Da ich in letzter Zeit viel mit Photoshop arbeite, kann ich aber Qualitativ schlechte Bilder nicht wirklich verwenden.

Jetzt meine Frage an die Foto Profis: 
Was haltet ihr grundsätzlich von der Kamera?
Wie viel kann ich aus dieser Kamera rausholen?
Wie mache ich gerade Nachts scharfe Bilder bzw. ist das mit dieser Kamera überhaupt möglich?
Was bedeutet "Hi ISO"? Das ist eine Auswahl bei dieser Cam, allerdings habe ich diese Einstellung noch nirgens gesehen.


----------



## akrite (26. Dezember 2008)

Sierb hat gesagt.:


> Zwar macht sie am Tag ganz gute Aufnahmen, allerdings ist sie Nachts einfach grauenhaft. Sowohl im Nachtmodus,


... typisch für Kompakte ! Kleines Objektiv und wenig Licht passen nicht zu den Kompakten zumindest auf weite Entfernungen - Blitz reicht halt nicht aus! Ich bin mit meiner Kompakten (Canon IXUS 75) recht zufrieden, wenn es nicht allzu schnell zugeht.

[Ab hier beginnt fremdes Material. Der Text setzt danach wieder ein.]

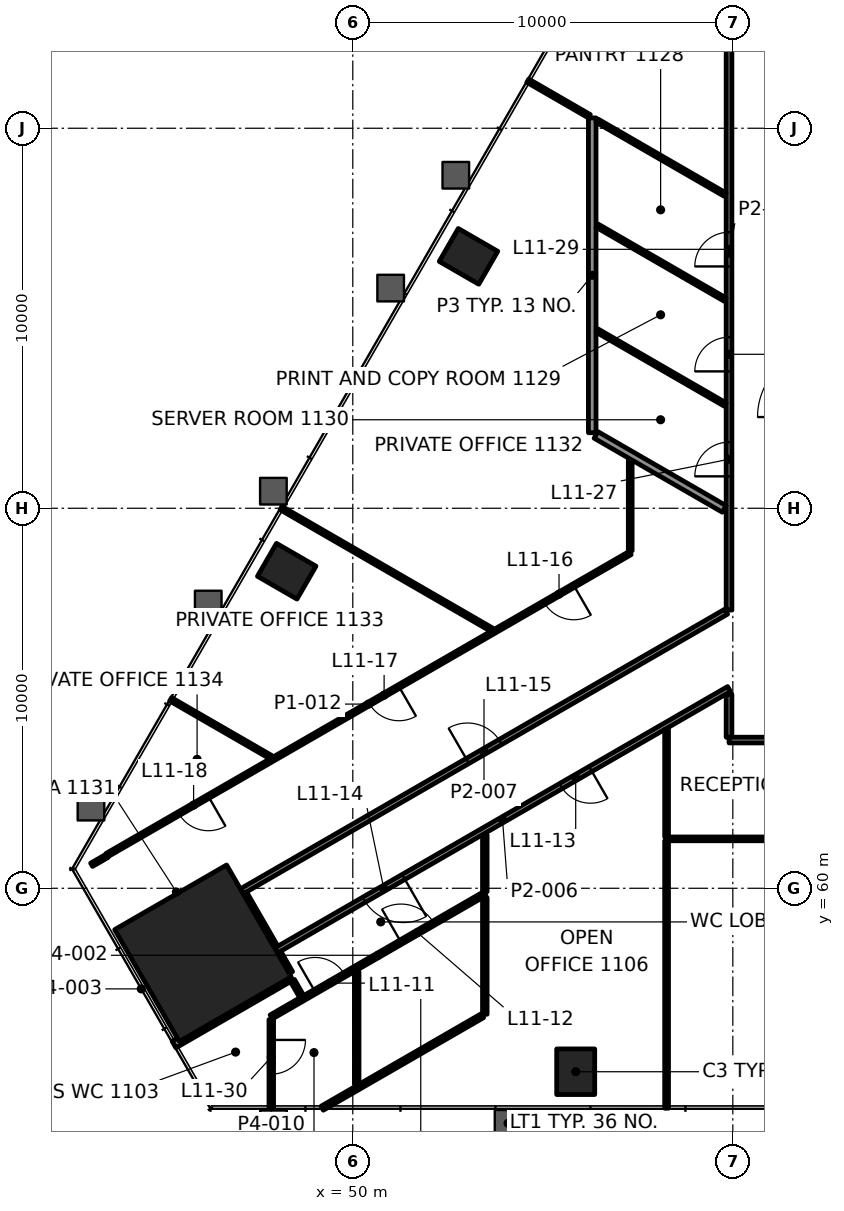
"""IFC4 building model, lengths in metres.
Left out: names, types, materials, properties, quantities, classifications, styles, units other than length and angle.
Written with IfcOpenShell. Run it as: python <this file> out.ifc"""

import sys

from ifc_helpers import new_model, si_unit, direction, frame, frame_2d, origin, origin_2d, place, context, subcontext, project, spatial, rectangle, extrude, element, fill, save


model = new_model("IFC4")
c1 = context("Model", 3, precision=1e-05, world=origin(), true_north=direction((0.0, 1.0)))
c2 = subcontext(c1, "Body", "Model", "MODEL_VIEW")
j1 = project(units=[si_unit("LENGTHUNIT", "METRE"), si_unit("PLANEANGLEUNIT", "RADIAN")], contexts=[c1])
p1 = place(None, origin())
s1 = spatial("IfcSite", under=j1, at=p1, CompositionType="ELEMENT")
p2 = place(p1, origin())
s2 = spatial("IfcBuilding", under=s1, at=p2, CompositionType="ELEMENT")
p3 = place(p2, frame((0.0, 0.0, 52.6)))
s3 = spatial("IfcBuildingStorey", under=s2, at=p3, CompositionType="ELEMENT", Elevation=52.6)
p4 = place(p3, frame((46.057, 58.29, 0.0), z_axis=(0.0, 0.0, 1.0), x_axis=(0.5, -0.866025403784, 0.0)))
e1 = element("IfcColumn", 1, at=p4, inside=s3, PredefinedType="COLUMN", context=c2, shape_type="SweptSolid", body=[
    extrude(rectangle(XDim=3.4, YDim=3.4, at=origin_2d()), origin(), (0.0, 0.0, 1.0), 4.2),
])
for number, where, z_axis, x_axis in (
    (2, (55.865, 55.172, -0.0), (0.0, 0.0, 1.0), (1.0, 0.0, 0.0)),
    (3, (53.045, 76.628, -0.0), (0.0, 0.0, 1.0), (-0.5, -0.866, 0.0)),
    (4, (48.261, 68.343, -0.0), (0.0, 0.0, 1.0), (-0.5, -0.866, 0.0)),
):
    element("IfcColumn", number, at=place(p3, frame(where, z_axis=z_axis, x_axis=x_axis)), inside=s3, PredefinedType="COLUMN", context=c2, shape_type="SweptSolid", body=[
        extrude(rectangle(XDim=1.0, YDim=1.2, at=origin_2d()), origin(), (0.0, 0.0, 1.0), 4.2),
    ])
p5 = place(p3, frame((58.271, 61.3, 0.0), z_axis=(0.0, 0.0, 1.0), x_axis=(1.0, 0.0, 0.0)))
e5 = element("IfcWall", 5, at=p5, inside=s3, PredefinedType="PARTITIONING", context=c2, shape_type="SweptSolid", body=[
    extrude(rectangle(XDim=16.729, YDim=0.1, at=frame_2d((8.365, 0.0))), origin(), (0.0, 0.0, 1.0), 3.4),
])
p6 = place(p5, frame((7.865, 0.0, 0.0)))
e6 = element("IfcOpeningElement", 6, at=p6, cuts=e5, PredefinedType="OPENING", context=c2, shape_type="SweptSolid", body=[
    extrude(rectangle(XDim=1.0, YDim=2.1, at=frame_2d((0.5, 1.05))), frame((0.0, 0.06, 0.0), z_axis=(0.0, -1.0, 0.0), x_axis=(1.0, 0.0, 0.0)), (0.0, 0.0, 1.0), 0.12),
])
p7 = place(p3, frame((90.1, 63.9, 0.0), z_axis=(0.0, 0.0, 1.0), x_axis=(-1.0, 0.0, 0.0)))
e7 = element("IfcWall", 7, at=p7, inside=s3, PredefinedType="PARTITIONING", context=c2, shape_type="SweptSolid", body=[
    extrude(rectangle(XDim=30.2, YDim=0.15, at=frame_2d((15.1, 0.0))), origin(), (0.0, 0.0, 1.0), 3.4),
])
p8 = place(p7, frame((3.578, 0.0, 0.0)))
e8 = element("IfcOpeningElement", 8, at=p8, cuts=e7, PredefinedType="OPENING", context=c2, shape_type="SweptSolid", body=[
    extrude(rectangle(XDim=1.0, YDim=2.1, at=frame_2d((0.5, 1.05))), frame((0.0, 0.085, 0.0), z_axis=(0.0, -1.0, 0.0), x_axis=(1.0, 0.0, 0.0)), (0.0, 0.0, 1.0), 0.17),
])
p9 = place(p7, frame((10.926, 0.0, 0.0)))
e9 = element("IfcOpeningElement", 9, at=p9, cuts=e7, PredefinedType="OPENING", context=c2, shape_type="SweptSolid", body=[
    extrude(rectangle(XDim=1.0, YDim=2.1, at=frame_2d((0.5, 1.05))), frame((0.0, 0.085, 0.0), z_axis=(0.0, -1.0, 0.0), x_axis=(1.0, 0.0, 0.0)), (0.0, 0.0, 1.0), 0.17),
])
p10 = place(p7, frame((22.048, 0.0, 0.0)))
e10 = element("IfcOpeningElement", 10, at=p10, cuts=e7, PredefinedType="OPENING", context=c2, shape_type="SweptSolid", body=[
    extrude(rectangle(XDim=1.0, YDim=2.1, at=frame_2d((0.5, 1.05))), frame((0.0, 0.085, 0.0), z_axis=(0.0, -1.0, 0.0), x_axis=(1.0, 0.0, 0.0)), (0.0, 0.0, 1.0), 0.17),
])
p11 = place(p3, frame((49.194, 54.212, 0.0), z_axis=(0.0, 0.0, 1.0), x_axis=(0.866016997745, 0.500014559404, 0.0)))
e11 = element("IfcWall", 11, at=p11, inside=s3, PredefinedType="PARTITIONING", context=c2, shape_type="SweptSolid", body=[
    extrude(rectangle(XDim=4.871, YDim=0.12, at=frame_2d((2.436, 0.0))), origin(), (0.0, 0.0, 1.0), 3.4),
])
p12 = place(p3, frame((47.855, 56.615, 0.0), z_axis=(0.0, 0.0, 1.0), x_axis=(0.866008853477, 0.500028664877, 0.0)))
e12 = element("IfcWall", 12, at=p12, inside=s3, PredefinedType="PARTITIONING", context=c2, shape_type="SweptSolid", body=[
    extrude(rectangle(XDim=6.487, YDim=0.12, at=frame_2d((3.244, 0.0))), origin(), (0.0, 0.0, 1.0), 3.4),
])
p13 = place(p12, frame((1.329, 0.0, 0.0)))
e13 = element("IfcOpeningElement", 13, at=p13, cuts=e12, PredefinedType="OPENING", context=c2, shape_type="SweptSolid", body=[
    extrude(rectangle(XDim=0.9, YDim=2.1, at=frame_2d((0.45, 1.05))), frame((0.0, 0.07, 0.0), z_axis=(0.0, -1.0, 0.0), x_axis=(1.0, 0.0, 0.0)), (0.0, 0.0, 1.0), 0.14),
])
p14 = place(p12, frame((3.939, 0.0, 0.0)))
e14 = element("IfcOpeningElement", 14, at=p14, cuts=e12, PredefinedType="OPENING", context=c2, shape_type="SweptSolid", body=[
    extrude(rectangle(XDim=1.0, YDim=2.1, at=frame_2d((0.5, 1.05))), frame((0.0, 0.07, 0.0), z_axis=(0.0, -1.0, 0.0), x_axis=(1.0, 0.0, 0.0)), (0.0, 0.0, 1.0), 0.14),
])
p15 = place(p3, frame((45.296, 55.888, 0.0), z_axis=(0.0, 0.0, 1.0), x_axis=(0.866016916595, 0.500014699955, 0.0)))
e15 = element("IfcWall", 15, at=p15, inside=s3, PredefinedType="PARTITIONING", context=c2, shape_type="SweptSolid", body=[
    extrude(rectangle(XDim=3.543, YDim=0.2, at=frame_2d((1.772, 0.0))), origin(), (0.0, 0.0, 1.0), 3.4),
])
p16 = place(p3, frame((59.9, 65.243, 0.0), z_axis=(0.0, 0.0, 1.0), x_axis=(-0.866026378386, -0.499998311937, 0.0)))
e16 = element("IfcWall", 16, at=p16, inside=s3, PredefinedType="PARTITIONING", context=c2, shape_type="SweptSolid", body=[
    extrude(rectangle(XDim=13.764, YDim=0.15, at=frame_2d((6.882, 0.0))), origin(), (0.0, 0.0, 1.0), 3.247),
])
p17 = place(p16, frame((4.209, 0.0, 0.0)))
e17 = element("IfcOpeningElement", 17, at=p17, cuts=e16, PredefinedType="OPENING", context=c2, shape_type="SweptSolid", body=[
    extrude(rectangle(XDim=0.9, YDim=2.1, at=frame_2d((0.45, 1.05))), frame((0.0, 0.085, 0.0), z_axis=(0.0, -1.0, 0.0), x_axis=(1.0, 0.0, 0.0)), (0.0, 0.0, 1.0), 0.17),
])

> als auch beim Autofocus macht sie unscharfe Bilder.


 ... schon mal mit Stativ und Zusatzlicht versucht ?


> Was haltet ihr grundsätzlich von der Kamera?


...politische Frage, es gibt verschiedene Lager, meiner-einer bevorzugt Canon seit über 20 Jahren, gutes Preis-Leistungsverhältnis !


> Wie viel kann ich aus dieser Kamera rausholen?


... wie bei jeder Kompakten: bei gutem Wetter(Licht) sind sie genial, wird es schneller(Sport) und das Licht schlechter, kommen sie an die Grenzen. Die Kompakten sind wirklich gut geeignet für den schnellen Schuss zwischendurch und für Urlaubsaufnahmen bis DIN A4. Leider kannst Du kaum etwas manuell verändern und mehr rauszuholen...





> Wie mache ich gerade Nachts scharfe Bilder bzw. ist das mit dieser Kamera überhaupt möglich?


ISO Hoch ! Allerdings wird's dann griselig, das macht nichts , wenn Du damit an eine Druckerei gehst und Poster machen lässt oder die 8 MegaPixel sowieso fürs Web runterschrumpfst.


----------



## Sierb (27. Dezember 2008)

> ISO Hoch ! Allerdings wird's dann griselig, das macht nichts , wenn Du damit an eine Druckerei gehst und Poster machen lässt oder die 8 MegaPixel sowieso fürs Web runterschrumpfst.



ist das, das oben genannte HI ISO?


----------



## akrite (27. Dezember 2008)

...was Nikon unter Hi ISO versteht k.A. ! Eine hohe ISO fängt ab ca. 200 an


----------